Abstract
The emerge of artificial intelligence (AI) in past years had gained great attentions in academic research and successful applications in industries. Deep reinforcement learning (DRL), as an ultimate approach of AI, in which an AI agent senses the environment, makes decisions from its trained policies, and perform actions to the environment, and iterates its policies through the process, has been proven to be one of the most potential solutions to many problems comparing to traditional ones that requires precise modelling, complex parameter identifications methods, not generalizable to complex situations, etc.
Surface unmanned vessels (SUV) is one of the areas that is considered to can be most beneficial to the application of such technologies, since the complex water surface traffic can bring about great loss to ignorant operations by humans, and where the limit of traditional PID or MPC methods are witnessed. In this thesis, DRL-based collision avoidance methods are studied for autonomous navigation of surface vessels, and an alternative new algorithm and method was developed and brought to validation. Present DRL-based methods are still limited to academic research, not ready for industrial applications, this is what this paper focused on. The reason for this is that firstly due to their lack of explainability, the end users cannot easily visualize the decision process, confirm their liability and make use of them. Secondly, the method itself can’t be hard coded with rules that can strictly avoid collision, which means that it might provide decision that will cause collision without warnings at the beginning.
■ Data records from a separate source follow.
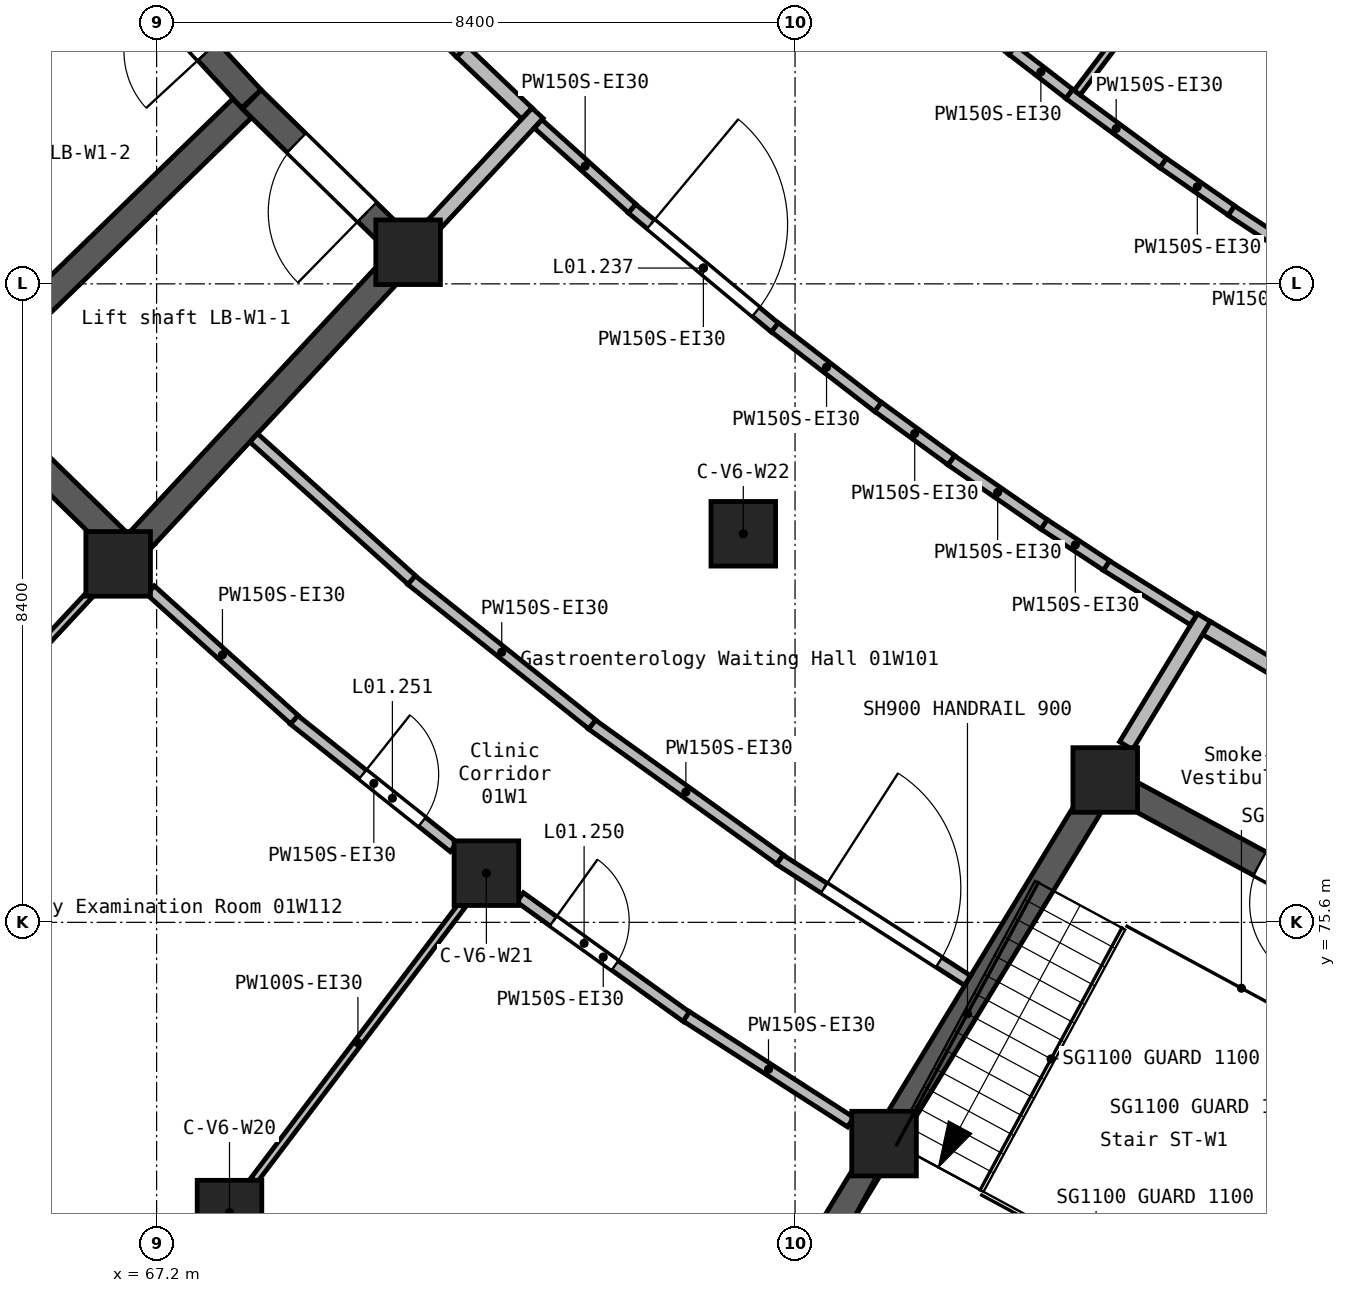
"""IFC4 building model, lengths in metres.
Left out: names, types, materials, properties, quantities, classifications, styles, units other than length and angle.
Written with IfcOpenShell. Run it as: python <this file> out.ifc"""

import sys

from ifc_helpers import new_model, si_unit, direction, frame, frame_2d, origin, origin_2d, place, context, subcontext, project, spatial, rectangle, extrude, element, fill, save


model = new_model("IFC4")
c1 = context("Model", 3, precision=1e-05, world=origin(), true_north=direction((0.0, 1.0)))
c2 = subcontext(c1, "Body", "Model", "MODEL_VIEW")
j1 = project(units=[si_unit("LENGTHUNIT", "METRE"), si_unit("PLANEANGLEUNIT", "RADIAN")], contexts=[c1])
p1 = place(None, origin())
s1 = spatial("IfcSite", under=j1, at=p1, CompositionType="ELEMENT")
p2 = place(p1, origin())
s2 = spatial("IfcBuilding", under=s1, at=p2, CompositionType="ELEMENT")
p3 = place(p2, frame((0.0, 0.0, 5.4)))
s3 = spatial("IfcBuildingStorey", under=s2, at=p3, CompositionType="ELEMENT", Elevation=5.4)
for number, where, z_axis, x_axis in (
    (1, (66.694, 80.316, 0.0), (0.0, 0.0, 1.0), (1.0, 0.0, 0.0)),
    (2, (68.159, 71.781, 0.0), (0.0, 0.0, 1.0), (1.0, 0.0, 0.0)),
    (3, (70.509, 84.416, 0.0), (0.0, 0.0, 1.0), (1.0, 0.0, 0.0)),
    (4, (71.539, 76.247, 0.0), (0.0, 0.0, 1.0), (1.0, 0.0, 0.0)),
    (5, (74.919, 80.712, 0.0), (0.0, 0.0, 1.0), (1.0, 0.0, 0.0)),
    (6, (76.771, 72.689, 0.0), (0.0, 0.0, 1.0), (1.0, 0.0, 0.0)),
    (7, (79.681, 77.473, 0.0), (0.0, 0.0, 1.0), (1.0, 0.0, 0.0)),
):
    element("IfcColumn", number, at=place(p3, frame(where, z_axis=z_axis, x_axis=x_axis)), inside=s3, PredefinedType="COLUMN", context=c2, shape_type="SweptSolid", body=[
        extrude(rectangle(XDim=0.85, YDim=0.85, at=origin_2d()), origin(), (0.0, 0.0, 1.0), 4.5),
    ])
p4 = place(p3, frame((62.305, 84.872, 0.0), z_axis=(0.0, 0.0, 1.0), x_axis=(0.751808220443, 0.659381831471, 0.0)))
e8 = element("IfcWall", 8, at=p4, inside=s3, PredefinedType="SHEAR", context=c2, shape_type="SweptSolid", body=[
    extrude(rectangle(XDim=5.75, YDim=0.35, at=frame_2d((2.875, 0.0))), origin(), (0.0, 0.0, 1.0), 4.5),
])
p5 = place(p3, frame((64.579, 82.666, 0.0), z_axis=(0.0, 0.0, 1.0), x_axis=(0.714695816666, -0.699435407769, 0.0)))
e9 = element("IfcWall", 9, at=p5, inside=s3, PredefinedType="SHEAR", context=c2, shape_type="SweptSolid", body=[
    extrude(rectangle(XDim=2.976, YDim=0.35, at=frame_2d((1.488, 0.0))), origin(), (0.0, 0.0, 1.0), 4.5),
])
p6 = place(p3, frame((64.702, 82.791, 0.0), z_axis=(0.0, 0.0, 1.0), x_axis=(0.717400873641, 0.696660596345, 0.0)))
e10 = element("IfcWall", 10, at=p6, inside=s3, PredefinedType="SHEAR", context=c2, shape_type="SweptSolid", body=[
    extrude(rectangle(XDim=5.05, YDim=0.35, at=frame_2d((2.525, 0.0))), origin(), (0.0, 0.0, 1.0), 4.5),
])
p7 = place(p3, frame((66.712, 80.334, 0.0), z_axis=(0.0, 0.0, 1.0), x_axis=(0.681084356202, 0.732204957465, 0.0)))
e11 = element("IfcWall", 11, at=p7, inside=s3, PredefinedType="SHEAR", context=c2, shape_type="SweptSolid", body=[
    extrude(rectangle(XDim=5.75, YDim=0.35, at=frame_2d((2.875, 0.0))), origin(), (0.0, 0.0, 1.0), 4.5),
])
p8 = place(p3, frame((68.447, 86.434, 0.0), z_axis=(0.0, 0.0, 1.0), x_axis=(-0.678058558992, 0.735007884704, 0.0)))
e12 = element("IfcWall", 12, at=p8, inside=s3, PredefinedType="SHEAR", context=c2, shape_type="SweptSolid", body=[
    extrude(rectangle(XDim=2.701, YDim=0.35, at=frame_2d((1.35, 0.0))), origin(), (0.0, 0.0, 1.0), 4.5),
])
p9 = place(p8, frame((0.85, 0.0, 0.0)))
e13 = element("IfcOpeningElement", 13, at=p9, cuts=e12, PredefinedType="OPENING", context=c2, shape_type="SweptSolid", body=[
    extrude(rectangle(XDim=1.1, YDim=2.1, at=frame_2d((0.55, 1.05))), frame((0.0, 0.185, 0.0), z_axis=(0.0, -1.0, 0.0), x_axis=(1.0, 0.0, 0.0)), (0.0, 0.0, 1.0), 0.37),
])
p10 = place(p3, frame((70.384, 84.538, 0.0), z_axis=(0.0, 0.0, 1.0), x_axis=(-0.714701443082, 0.699429658548, 0.0)))
e14 = element("IfcWall", 14, at=p10, inside=s3, PredefinedType="SHEAR", context=c2, shape_type="SweptSolid", body=[
    extrude(rectangle(XDim=2.702, YDim=0.35, at=frame_2d((1.351, 0.0))), origin(), (0.0, 0.0, 1.0), 4.5),
])
p11 = place(p10, frame((0.581, 0.0, 0.0)))
e15 = element("IfcOpeningElement", 15, at=p11, cuts=e14, PredefinedType="OPENING", context=c2, shape_type="SweptSolid", body=[
    extrude(rectangle(XDim=1.3, YDim=2.1, at=frame_2d((0.65, 1.05))), frame((0.0, 0.185, 0.0), z_axis=(0.0, -1.0, 0.0), x_axis=(1.0, 0.0, 0.0)), (0.0, 0.0, 1.0), 0.37),
])
p12 = place(p3, frame((75.848, 71.173, 0.0), z_axis=(0.0, 0.0, 1.0), x_axis=(0.51973149438, 0.854329663391, 0.0)))
e16 = element("IfcWall", 16, at=p12, inside=s3, PredefinedType="SHEAR", context=c2, shape_type="SweptSolid", body=[
    extrude(rectangle(XDim=7.55, YDim=0.35, at=frame_2d((3.775, 0.0))), origin(), (0.0, 0.0, 1.0), 4.5),
])
p13 = place(p3, frame((81.572, 68.077, 0.0), z_axis=(0.0, 0.0, 1.0), x_axis=(0.430592498036, 0.90254645345, 0.0)))
e17 = element("IfcWall", 17, at=p13, inside=s3, PredefinedType="SHEAR", context=c2, shape_type="SweptSolid", body=[
    extrude(rectangle(XDim=7.55, YDim=0.35, at=frame_2d((3.775, 0.0))), origin(), (0.0, 0.0, 1.0), 4.5),
])
p14 = place(p3, frame((84.593, 74.816, 0.0), z_axis=(0.0, 0.0, 1.0), x_axis=(-0.879585553739, 0.475740742058, 0.0)))
e18 = element("IfcWall", 18, at=p14, inside=s3, PredefinedType="SHEAR", context=c2, shape_type="SweptSolid", body=[
    extrude(rectangle(XDim=5.409, YDim=0.35, at=frame_2d((2.705, 0.0))), origin(), (0.0, 0.0, 1.0), 4.5),
])
p15 = place(p14, frame((2.174, 0.0, 0.0)))
e19 = element("IfcOpeningElement", 19, at=p15, cuts=e18, PredefinedType="OPENING", context=c2, shape_type="SweptSolid", body=[
    extrude(rectangle(XDim=1.1, YDim=2.1, at=frame_2d((0.55, 1.05))), frame((0.0, 0.185, 0.0), z_axis=(0.0, -1.0, 0.0), x_axis=(1.0, 0.0, 0.0)), (0.0, 0.0, 1.0), 0.37),
])
p16 = place(p3, frame((67.039, 70.31, 0.0), z_axis=(0.0, 0.0, 1.0), x_axis=(-0.76581638303, 0.64305930324, 0.0)))
e20 = element("IfcWall", 20, at=p16, inside=s3, PredefinedType="STANDARD", context=c2, shape_type="SweptSolid", body=[
    extrude(rectangle(XDim=7.072, YDim=0.2, at=frame_2d((3.536, 0.0))), origin(), (0.0, 0.0, 1.0), 3.35),
])
p17 = place(p16, frame((2.946, 0.0, 0.0)))
e21 = element("IfcOpeningElement", 21, at=p17, cuts=e20, PredefinedType="OPENING", context=c2, shape_type="SweptSolid", body=[
    extrude(rectangle(XDim=1.8, YDim=2.4, at=frame_2d((0.9, 1.2))), frame((0.0, 0.11, 0.0), z_axis=(0.0, -1.0, 0.0), x_axis=(1.0, 0.0, 0.0)), (0.0, 0.0, 1.0), 0.22),
])
p18 = place(p3, frame((70.837, 84.769, 0.0), z_axis=(0.0, 0.0, 1.0), x_axis=(0.681244203436, 0.732056237789, 0.0)))
e22 = element("IfcWall", 22, at=p18, inside=s3, PredefinedType="SOLIDWALL", context=c2, shape_type="SweptSolid", body=[
    extrude(rectangle(XDim=2.018, YDim=0.2, at=frame_2d((1.009, 0.0))), origin(), (0.0, 0.0, 1.0), 4.15),
])
p19 = place(p3, frame((79.955, 77.924, 0.0), z_axis=(0.0, 0.0, 1.0), x_axis=(0.519675881268, 0.85436349315, 0.0)))
e23 = element("IfcWall", 23, at=p19, inside=s3, PredefinedType="SOLIDWALL", context=c2, shape_type="SweptSolid", body=[
    extrude(rectangle(XDim=1.972, YDim=0.2, at=frame_2d((0.986, 0.0))), origin(), (0.0, 0.0, 1.0), 4.15),
])
p20 = place(p3, frame((70.101, 88.174, 0.0), z_axis=(0.0, 0.0, 1.0), x_axis=(0.705714994949, -0.708495833371, 0.0)))
e24 = element("IfcWall", 24, at=p20, inside=s3, PredefinedType="SOLIDWALL", context=c2, shape_type="SweptSolid", body=[
    extrude(rectangle(XDim=1.58, YDim=0.2, at=frame_2d((0.79, 0.0))), origin(), (0.0, 0.0, 1.0), 4.15),
])
p21 = place(p20, frame((0.19, 0.0, 0.0)))
e25 = element("IfcOpeningElement", 25, at=p21, cuts=e24, PredefinedType="OPENING", context=c2, shape_type="SweptSolid", body=[
    extrude(rectangle(XDim=1.2, YDim=2.1, at=frame_2d((0.6, 1.05))), frame((0.0, 0.11, 0.0), z_axis=(0.0, -1.0, 0.0), x_axis=(1.0, 0.0, 0.0)), (0.0, 0.0, 1.0), 0.22),
])
p22 = place(p3, frame((81.015, 79.471, 0.0), z_axis=(0.0, 0.0, 1.0), x_axis=(0.860926528214, -0.508729312127, 0.0)))
e26 = element("IfcWall", 26, at=p22, inside=s3, PredefinedType="SOLIDWALL", context=c2, shape_type="SweptSolid", body=[
    extrude(rectangle(XDim=1.379, YDim=0.2, at=frame_2d((0.689, 0.0))), origin(), (0.0, 0.0, 1.0), 4.15),
])
p23 = place(p3, frame((71.217, 87.058, 0.0), z_axis=(0.0, 0.0, 1.0), x_axis=(0.723660671666, -0.6901559478, 0.0)))
e27 = element("IfcWall", 27, at=p23, inside=s3, PredefinedType="SOLIDWALL", context=c2, shape_type="SweptSolid", body=[
    extrude(rectangle(XDim=1.18, YDim=0.2, at=frame_2d((0.59, 0.0))), origin(), (0.0, 0.0, 1.0), 4.15),
])
p24 = place(p3, frame((71.982, 75.929, 0.0), z_axis=(0.0, 0.0, 1.0), x_axis=(0.812329236441, -0.583199118332, 0.0)))
e28 = element("IfcWall", 28, at=p24, inside=s3, PredefinedType="PARTITIONING", context=c2, shape_type="SweptSolid", body=[
    extrude(rectangle(XDim=2.695, YDim=0.15, at=frame_2d((1.347, 0.0))), origin(), (0.0, 0.0, 1.0), 4.15),
])
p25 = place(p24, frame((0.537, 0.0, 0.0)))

In this thesis, to approach the interpretability/explainability aspect of artificial intelligence decisions for end users, a method that outputs selected number of waypoints for the own ship to make collision avoidance was proposed. Specifically, two-waypoints of collision avoidance navigation was focused. Theoretical foundations include Policy-Based Reinforcement Learning, Policy Proximal Optimization, and explainable Artificial Intelligence in DRL. To guide the exploration of DRL agent, a ‘rule-based’ DRL concept was also presented, where some rules to limit the action space, fixing waypoints that is not being tracked, static planning are introduced. This will save the agent from exploring unwanted space and focus on required tasks. The proposed method also investigated two kinds of input: grid maps providing information of real time position and movements of ships with ENC, vectors including related information of scenario. The latter method is more straight forward but it might fall short in providing some features that could be extracted by the DRL agent as kind of aggregated/implicit features. The paper details implementation steps, from simulation environment setup to visualization. Preliminary results indicate successful algorithm validation, with the trained agent optimizing rewards through policy updates. With the designed framework, the agent learned to turn away from obstacle ships within a short time by maximizing the rewards and following the introduced rules, and the navigation turns out to be smooth and interpretable to human.